# 500 Sweaters



## Swtthng (Mar 3, 2013)

You must watch this quick video. It's a flash mob celebrating a woman who since 1955 has knitted 500 sweaters. Each sweater has been carefully wrapped and stored in her home. Tahki knits sent the info out on their recent blog. Enjoy.


----------



## Merlene (Apr 15, 2013)

Wonderful. What beautiful sweaters. I wonder what the next step will be. Will the sweaters be worn, put in museum ---?
Thank you for bringing this to our attention.


----------



## cgcharles (Feb 23, 2011)

I really enjoyed this video. She looked like she was really having a good time.


----------



## LadyBecket (Jun 26, 2012)

What a lovely way to celebrate this fantastic lady's accomplishments!!!!


----------



## helenlou (Apr 4, 2012)

Wow. Quite a feat, I would say. They are all so colorful, too.


----------



## macde (Aug 26, 2011)

Imagine, 63 years of knitting to be hidden away til now. Amazing.


----------



## kmangal16 (Mar 26, 2013)

That is just brilliant. Such lovely sweaters.


----------



## Swtthng (Mar 3, 2013)

I guess we have to buy her book to find out more info. Why didn't she give them away or sell them? How did she store them so successfully for 1/2 a century? Amazing woman!


----------



## MomBeezzzz (Jan 17, 2013)

Every sweater is beautiful and unique, I laughed I cried, imagining how I would feel, having my body of work displayed in such a lovely fashion. Amazing.
kudos to those who carried this out.


----------



## 44gram (Dec 10, 2011)

Wonderful!!


----------



## Raybo (Mar 12, 2011)

Swtthng said:


> You must watch this quick video. It's a flash mob celebrating a woman who since 1955 has knitted 500 sweaters. Each sweater has been carefully wrapped and stored in her home.
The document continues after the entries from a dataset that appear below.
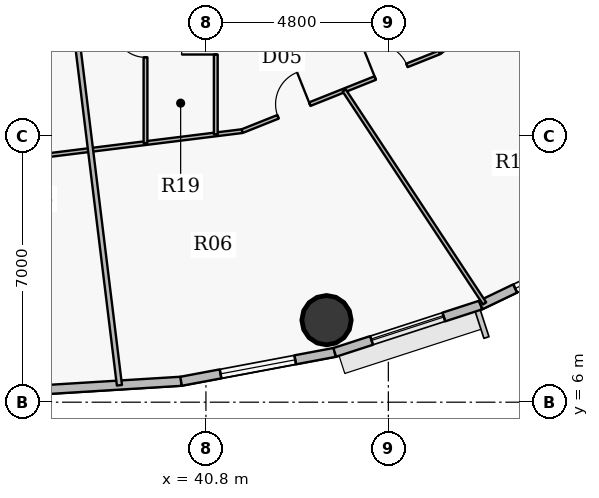
"""IFC4 building model, lengths in metres.
Left out: names, types, materials, properties, quantities, classifications, styles, units other than length and angle.
Written with IfcOpenShell. Run it as: python <this file> out.ifc"""

import sys

from ifc_helpers import new_model, si_unit, direction, frame, frame_2d, origin, origin_2d, place, context, subcontext, project, spatial, rectangle, hollow_circle, extrude, source, transform, mapped, element, fill, save


model = new_model("IFC4")
c1 = context("Model", 3, precision=1e-05, world=origin(), true_north=direction((0.0, 1.0)))
c2 = subcontext(c1, "Body", "Model", "MODEL_VIEW")
j1 = project(units=[si_unit("LENGTHUNIT", "METRE"), si_unit("PLANEANGLEUNIT", "RADIAN")], contexts=[c1])
p1 = place(None, origin())
s1 = spatial("IfcSite", under=j1, at=p1, CompositionType="ELEMENT")
p2 = place(p1, origin())
s2 = spatial("IfcBuilding", under=s1, at=p2, CompositionType="ELEMENT")
p3 = place(p2, frame((0.0, 0.0, 167.4)))
s3 = spatial("IfcBuildingStorey", under=s2, at=p3, CompositionType="ELEMENT", Elevation=167.4)
p4 = place(p3, frame((43.973, 8.159, 0.0), z_axis=(0.0, 0.0, 1.0), x_axis=(1.0, 0.0, 0.0)))
e1 = element("IfcColumn", 1, at=p4, inside=s3, PredefinedType="COLUMN", context=c2, shape_type="SweptSolid", body=[
    extrude(hollow_circle(Radius=0.65, WallThickness=0.04, at=origin_2d()), origin(), (0.0, 0.0, 1.0), 3.75),
])
p5 = place(p3, frame((40.146, 6.551, 0.0), z_axis=(0.0, 0.0, 1.0), x_axis=(-0.998104600619, -0.061540281305, 0.0)))
e2 = element("IfcWall", 2, at=p5, inside=s3, PredefinedType="SOLIDWALL", context=c2, shape_type="SweptSolid", body=[
    extrude(rectangle(XDim=4.154, YDim=0.24, at=frame_2d((2.077, 0.0))), origin(), (0.0, 0.0, 1.0), 3.5),
])
p6 = place(p3, frame((44.189, 7.311, 0.0), z_axis=(0.0, 0.0, 1.0), x_axis=(-0.982788108205, -0.184736391573, 0.0)))
e3 = element("IfcWall", 3, at=p6, inside=s3, PredefinedType="SOLIDWALL", context=c2, shape_type="SweptSolid", body=[
    extrude(rectangle(XDim=4.114, YDim=0.24, at=frame_2d((2.057, 0.0))), origin(), (0.0, 0.0, 1.0), 3.5),
])
p7 = place(p6, frame((1.057, 0.0, 0.9)))
e4 = element("IfcOpeningElement", 4, at=p7, cuts=e3, PredefinedType="OPENING", context=c2, shape_type="SweptSolid", body=[
    extrude(rectangle(XDim=2.0, YDim=1.75, at=origin_2d()), frame((1.0, 0.13, 0.875), z_axis=(0.0, -1.0, 0.0), x_axis=(1.0, 0.0, 0.0)), (0.0, 0.0, 1.0), 0.26),
])
p8 = place(p3, frame((48.03, 8.556, 0.0), z_axis=(0.0, 0.0, 1.0), x_axis=(-0.951209870236, -0.30854462038, 0.0)))
e5 = element("IfcWall", 5, at=p8, inside=s3, PredefinedType="SOLIDWALL", context=c2, shape_type="SweptSolid", body=[
    extrude(rectangle(XDim=4.038, YDim=0.24, at=frame_2d((2.019, 0.0))), origin(), (0.0, 0.0, 1.0), 3.5),
])
p9 = place(p8, frame((1.019, 0.0, 0.9)))
e6 = element("IfcOpeningElement", 6, at=p9, cuts=e5, PredefinedType="OPENING", context=c2, shape_type="SweptSolid", body=[
    extrude(rectangle(XDim=2.0, YDim=1.75, at=origin_2d()), frame((1.0, 0.13, 0.875), z_axis=(0.0, -1.0, 0.0), x_axis=(1.0, 0.0, 0.0)), (0.0, 0.0, 1.0), 0.26),
])
p10 = place(p3, frame((51.573, 10.257, 0.0), z_axis=(0.0, 0.0, 1.0), x_axis=(-0.901564733809, -0.432644231155, 0.0)))
e7 = element("IfcWall", 7, at=p10, inside=s3, PredefinedType="SOLIDWALL", context=c2, shape_type="SweptSolid", body=[
    extrude(rectangle(XDim=3.93, YDim=0.24, at=frame_2d((1.965, 0.0))), origin(), (0.0, 0.0, 1.0), 3.5),
])
p11 = place(p10, frame((0.923, 0.0, 0.9)))
e8 = element("IfcOpeningElement", 8, at=p11, cuts=e7, PredefinedType="OPENING", context=c2, shape_type="SweptSolid", body=[
    extrude(rectangle(XDim=2.0, YDim=1.75, at=origin_2d()), frame((1.0, 0.13, 0.875), z_axis=(0.0, -1.0, 0.0), x_axis=(1.0, 0.0, 0.0)), (0.0, 0.0, 1.0), 0.26),
])
p12 = place(p3, frame((36.0, 12.419, 0.0), z_axis=(0.0, 0.0, 1.0), x_axis=(0.992396615981, 0.123081097612, 0.0)))
e9 = element("IfcWall", 9, at=p12, inside=s3, PredefinedType="PARTITIONING", context=c2, shape_type="SweptSolid", body=[
    extrude(rectangle(XDim=5.798, YDim=0.1, at=frame_2d((2.899, 0.0))), origin(), (0.0, 0.0, 1.0), 2.935),
])
p13 = place(p3, frame((37.108, 17.972, 0.0), z_axis=(0.0, 0.0, 1.0), x_axis=(0.121868774407, -0.992546221505, 0.0)))
e10 = element("IfcWall", 10, at=p13, inside=s3, PredefinedType="PARTITIONING", context=c2, shape_type="SweptSolid", body=[
    extrude(rectangle(XDim=11.613, YDim=0.135, at=frame_2d((5.807, 0.0))), origin(), (0.0, 0.0, 1.0), 2.935),
])
p14 = place(p3, frame((39.21, 12.817, 0.0), z_axis=(0.0, 0.0, 1.0), x_axis=(0.0, 1.0, 0.0)))
e11 = element("IfcWall", 11, at=p14, inside=s3, PredefinedType="PARTITIONING", context=c2, shape_type="SweptSolid", body=[
    extrude(rectangle(XDim=5.333, YDim=0.1, at=frame_2d((2.667, 0.0))), origin(), (0.0, 0.0, 1.0), 3.125),
])
p15 = place(p14, frame((2.256, 0.0, 0.0)))
e12 = element("IfcOpeningElement", 12, at=p15, cuts=e11, PredefinedType="OPENING", context=c2, shape_type="SweptSolid", body=[
    extrude(rectangle(XDim=0.82, YDim=2.1, at=origin_2d()), frame((0.41, 0.06, 1.05), z_axis=(0.0, -1.0, 0.0), x_axis=(1.0, 0.0, 0.0)), (0.0, 0.0, 1.0), 0.12),
])
p16 = place(p3, frame((41.059, 13.046, 0.0), z_axis=(0.0, 0.0, 1.0), x_axis=(0.0, 1.0, 0.0)))
e13 = element("IfcWall", 13, at=p16, inside=s3, PredefinedType="PARTITIONING", context=c2, shape_type="SweptSolid", body=[
    extrude(rectangle(XDim=5.104, YDim=0.1, at=frame_2d((2.552, 0.0))), origin(), (0.0, 0.0, 1.0), 2.935),
])
p17 = place(p16, frame((2.102, 0.0, 0.0)))
e14 = element("IfcOpeningElement", 14, at=p17, cuts=e13, PredefinedType="OPENING", context=c2, shape_type="SweptSolid", body=[
    extrude(rectangle(XDim=0.9, YDim=2.1, at=origin_2d()), frame((0.45, 0.06, 1.05), z_axis=(0.0, -1.0, 0.0), x_axis=(1.0, 0.0, 0.0)), (0.0, 0.0, 1.0), 0.12),
])
p18 = place(p3, frame((41.754, 13.133, 0.0), z_axis=(0.0, 0.0, 1.0), x_axis=(0.928798710424, 0.370584613166, 0.0)))
e15 = element("IfcWall", 15, at=p18, inside=s3, PredefinedType="PARTITIONING", context=c2, shape_type="SweptSolid", body=[
    extrude(rectangle(XDim=5.589, YDim=0.1, at=frame_2d((2.794, 0.0))), origin(), (0.0, 0.0, 1.0), 2.935),
])
p19 = place(p18, frame((1.015, 0.0, 0.0)))
e16 = element("IfcOpeningElement", 16, at=p19, cuts=e15, PredefinedType="OPENING", context=c2, shape_type="SweptSolid", body=[
    extrude(rectangle(XDim=0.9, YDim=2.1, at=origin_2d()), frame((0.45, 0.06, 1.05), z_axis=(0.0, -1.0, 0.0), x_axis=(1.0, 0.0, 0.0)), (0.0, 0.0, 1.0), 0.12),
])
p20 = place(p18, frame((3.769, 0.0, 0.0)))
e17 = element("IfcOpeningElement", 17, at=p20, cuts=e15, PredefinedType="OPENING", context=c2, shape_type="SweptSolid", body=[
    extrude(rectangle(XDim=0.9, YDim=2.1, at=origin_2d()), frame((0.45, 0.06, 1.05), z_axis=(0.0, -1.0, 0.0), x_axis=(1.0, 0.0, 0.0)), (0.0, 0.0, 1.0), 0.12),
])
p21 = place(p3, frame((44.438, 14.204, 0.0), z_axis=(0.0, 0.0, 1.0), x_axis=(0.550479331571, -0.834848792006, 0.0)))
e18 = element("IfcWall", 18, at=p21, inside=s3, PredefinedType="PARTITIONING", context=c2, shape_type="SweptSolid", body=[
    extrude(rectangle(XDim=6.712, YDim=0.1, at=frame_2d((3.356, 0.0))), origin(), (0.0, 0.0, 1.0), 2.935),
])
p22 = place(p3, frame((46.945, 15.204, 0.0), z_axis=(0.0, 0.0, 1.0), x_axis=(0.787300155222, 0.616569919463, 0.0)))
e19 = element("IfcWall", 19, at=p22, inside=s3, PredefinedType="PARTITIONING", context=c2, shape_type="SweptSolid", body=[
    extrude(rectangle(XDim=5.232, YDim=0.1, at=frame_2d((2.616, 0.0))), origin(), (0.0, 0.0, 1.0), 2.935),
])
p23 = place(p22, frame((3.018, 0.0, 0.0)))
e20 = element("IfcOpeningElement", 20, at=p23, cuts=e19, PredefinedType="OPENING", context=c2, shape_type="SweptSolid", body=[
    extrude(rectangle(XDim=0.9, YDim=2.1, at=origin_2d()), frame((0.45, 0.06, 1.05), z_axis=(0.0, -1.0, 0.0), x_axis=(1.0, 0.0, 0.0)), (0.0, 0.0, 1.0), 0.12),
])
p24 = place(p3, frame((48.43, 16.367, 0.0), z_axis=(0.0, 0.0, 1.0), x_axis=(0.759902290403, -0.650037313575, 0.0)))
e21 = element("IfcWall", 21, at=p24, inside=s3, PredefinedType="PARTITIONING", context=c2, shape_type="SweptSolid", body=[
    extrude(rectangle(XDim=7.095, YDim=0.1, at=frame_2d((3.548, 0.0))), origin(), (0.0, 0.0, 1.0), 2.935),
])
m1 = source(origin(), c2, "Body", "SweptSolid", [
    extrude(rectangle(XDim=2.0, YDim=1.75, at=origin_2d()), frame((1.0, 0.03, 0.875), z_axis=(0.0, -1.0, 0.0), x_axis=(1.0, 0.0, 0.0)), (0.0, 0.0, 1.0), 0.06),
])
p25 = place(p7, origin())
e22 = element("IfcWindow", 22, at=p25, inside=s3, PartitioningType="DOUBLE_PANEL_VERTICAL", PredefinedType="WINDOW", context=c2, shape_type="MappedRepresentation", body=[
    mapped(m1, transform((0.0, 0.0, 0.0), x_axis=(1.0, 0.0, 0.0), y_axis=(0.0, 1.0, 0.0), z_axis=(0.0, 0.0, 1.0), scale=1.0)),
])
fill(e4, e22)
p26 = place(p9, origin())
e23 = element("IfcWindow", 23, at=p26, inside=s3, PartitioningType="DOUBLE_PANEL_VERTICAL", PredefinedType="WINDOW", context=c2, shape_type="MappedRepresentation", body=[
    mapped(m1, transform((0.0, 0.0, 0.0), x_axis=(1.0, 0.0, 0.0), y_axis=(0.0, 1.0, 0.0), z_axis=(0.0, 0.0, 1.0), scale=1.0)),
])
fill(e6, e23)
p27 = place(p11, origin())
e24 = element("IfcWindow", 24, at=p27, inside=s3, PartitioningType="DOUBLE_PANEL_VERTICAL", PredefinedType="WINDOW", context=c2, shape_type="MappedRepresentation", body=[
    mapped(m1, transform((0.0, 0.0, 0.0), x_axis=(1.0, 0.0, 0.0), y_axis=(0.0, 1.0, 0.0), z_axis=(0.0, 0.0, 1.0), scale=1.0)),
])
fill(e8, e24)
m2 = source(origin(), c2, "Body", "SweptSolid", [
    extrude(rectangle(XDim=0.9, YDim=2.1, at=origin_2d()), frame((0.45, 0.025, 1.05), z_axis=(0.0, -1.0, 0.0), x_axis=(1.0, 0.0, 0.0)), (0.0, 0.0, 1.0), 0.05),
])
p28 = place(p19, origin())
e25 = element("IfcDoor", 25, at=p28, inside=s3, OperationType="SINGLE_SWING_RIGHT", PredefinedType="DOOR", context=c2, shape_type="MappedRepresentation", body=[
    mapped(m2, transform((0.0, 0.0, 0.0), x_axis=(1.0, 0.0, 0.0), y_axis=(0.0, 1.0, 0.0), z_axis=(0.0, 0.0, 1.0), scale=1.0)),
])
fill(e16, e25)
p29 = place(p20, origin())
e26 = element("IfcDoor", 26, at=p29, inside=s3, OperationType="SINGLE_SWING_LEFT", PredefinedType="DOOR", context=c2, shape_type="MappedRepresentation", body=[
    mapped(m2, transform((0.0, 0.0, 0.0), x_axis=(1.0, 0.0, 0.0), y_axis=(0.0, 1.0, 0.0), z_axis=(0.0, 0.0, 1.0), scale=1.0)),
])
fill(e17, e26)
p30 = place(p17, origin())
e27 = element("IfcDoor", 27, at=p30, inside=s3, OperationType="SINGLE_SWING_LEFT", PredefinedType="DOOR", context=c2, shape_type="MappedRepresentation", body=[
    mapped(m2, transform((0.0, 0.0, 0.0), x_axis=(1.0, 0.0, 0.0), y_axis=(0.0, 1.0, 0.0), z_axis=(0.0, 0.0, 1.0), scale=1.0)),
])
fill(e14, e27)
m3 = source(origin(), c2, "Body", "SweptSolid", [
    extrude(rectangle(XDim=0.82, YDim=2.1, at=origin_2d()), frame((0.41, 0.025, 1.05), z_axis=(0.0, -1.0, 0.0), x_axis=(1.0, 0.0, 0.0)), (0.0, 0.0, 1.0), 0.05),
])
p31 = place(p15, origin())
e28 = element("IfcDoor", 28, at=p31, inside=s3, OperationType="SINGLE_SWING_RIGHT", PredefinedType="DOOR", context=c2, shape_type="MappedRepresentation", body=[
    mapped(m3, transform((0.0, 0.0, 0.0), x_axis=(1.0, 0.0, 0.0), y_axis=(0.0, 1.0, 0.0), z_axis=(0.0, 0.0, 1.0), scale=1.0)),
])
fill(e12, e28)
save(model, sys.argv[1])

Tahki knits sent the info out on their recent blog. Enjoy. http://vimeo.com/54045631


What for? :|


----------



## janettamargo (May 13, 2013)

This brought tears to my eyes! Thanks so much for sharing.


----------



## run4fittness (May 22, 2011)

that is a lot of sweaters!


----------



## aannggeell (Dec 7, 2012)

Wow!! THanks for sharing,


----------



## ralphie (Dec 3, 2011)

Terrific! I loved it. She must have knit every waking moment.


----------



## JRLafleur (May 20, 2012)

Thank you so much for sharing. Definitely a wonderful reason to have a celebration!


----------



## veets (Oct 7, 2011)

That was amazing. It is pretty weird to have just made them and stored them all those years. The copy on the video did say a book was coming out.. but what was this lady thinking when she started knitting these sweaters? personally, I wish I had the foresight to have at least taken a photo of every sweater I have made since I started to knit at 8 years old but I know I have enjoyed wearing my sweaters and blankets and stuffs and so have many other friends and relatives!


----------



## Torticollus (Dec 3, 2011)

Yes, brought tears to my eyes, too!


----------



## tamarque (Jan 21, 2011)

Had seen this before and actually put it on my facebook page. It really is a wonderful celebratory event. I loved that they celebrated her while she is alive.


----------



## irisbel (Oct 12, 2011)

thanks for posting.


----------



## lettuceshop (May 20, 2011)

Swtthng said:


> You must watch this quick video. It's a flash mob celebrating a woman who since 1955 has knitted 500 sweaters. Each sweater has been carefully wrapped and stored in her home. Tahki knits sent the info out on their recent blog. Enjoy.
> 
> http://vimeo.com/54045631


That brought tears to my eyes. Loved it. Thanks for sharing


----------



## TeeneeBee (Jun 14, 2013)

Am I too cynical? It seemed to me to be a publicity stunt to advertise the book rather than a flash mob to celebrate the lady.


----------



## 2CatsinNJ (Jan 21, 2011)

Brilliant !


----------



## Linday (Jan 22, 2012)

Lots of lovely knitting but for what purpose?


----------



## triknitter (May 8, 2011)

Amazing!


----------



## KnitnSleep (Mar 2, 2013)

Thanks for explaining what was happening nin th e video


----------



## patmac200057 (Mar 8, 2013)

Thanks so much. Sent it to my best friend knitting buddy, who happens to be Dutch. Can hardly wait for her response.


----------



## KnitterNatalie (Feb 20, 2011)

Thanks for sharing!!


----------



## moherlyle (May 14, 2011)

Thanks for sharing that! It made my day!


----------



## JuneS (Nov 3, 2011)

She sure is a treasure for Holland! Looks like the mob enjoyed wearing her sweaters and performing for her. They must have practiced a lot.


----------



## Judy M (Feb 17, 2011)

Is this the same one that was previously posted? I can't get it to load.


----------



## linda6200 (Oct 11, 2011)

I have seen this before, but watched it again as it truly was moving and amazing!


----------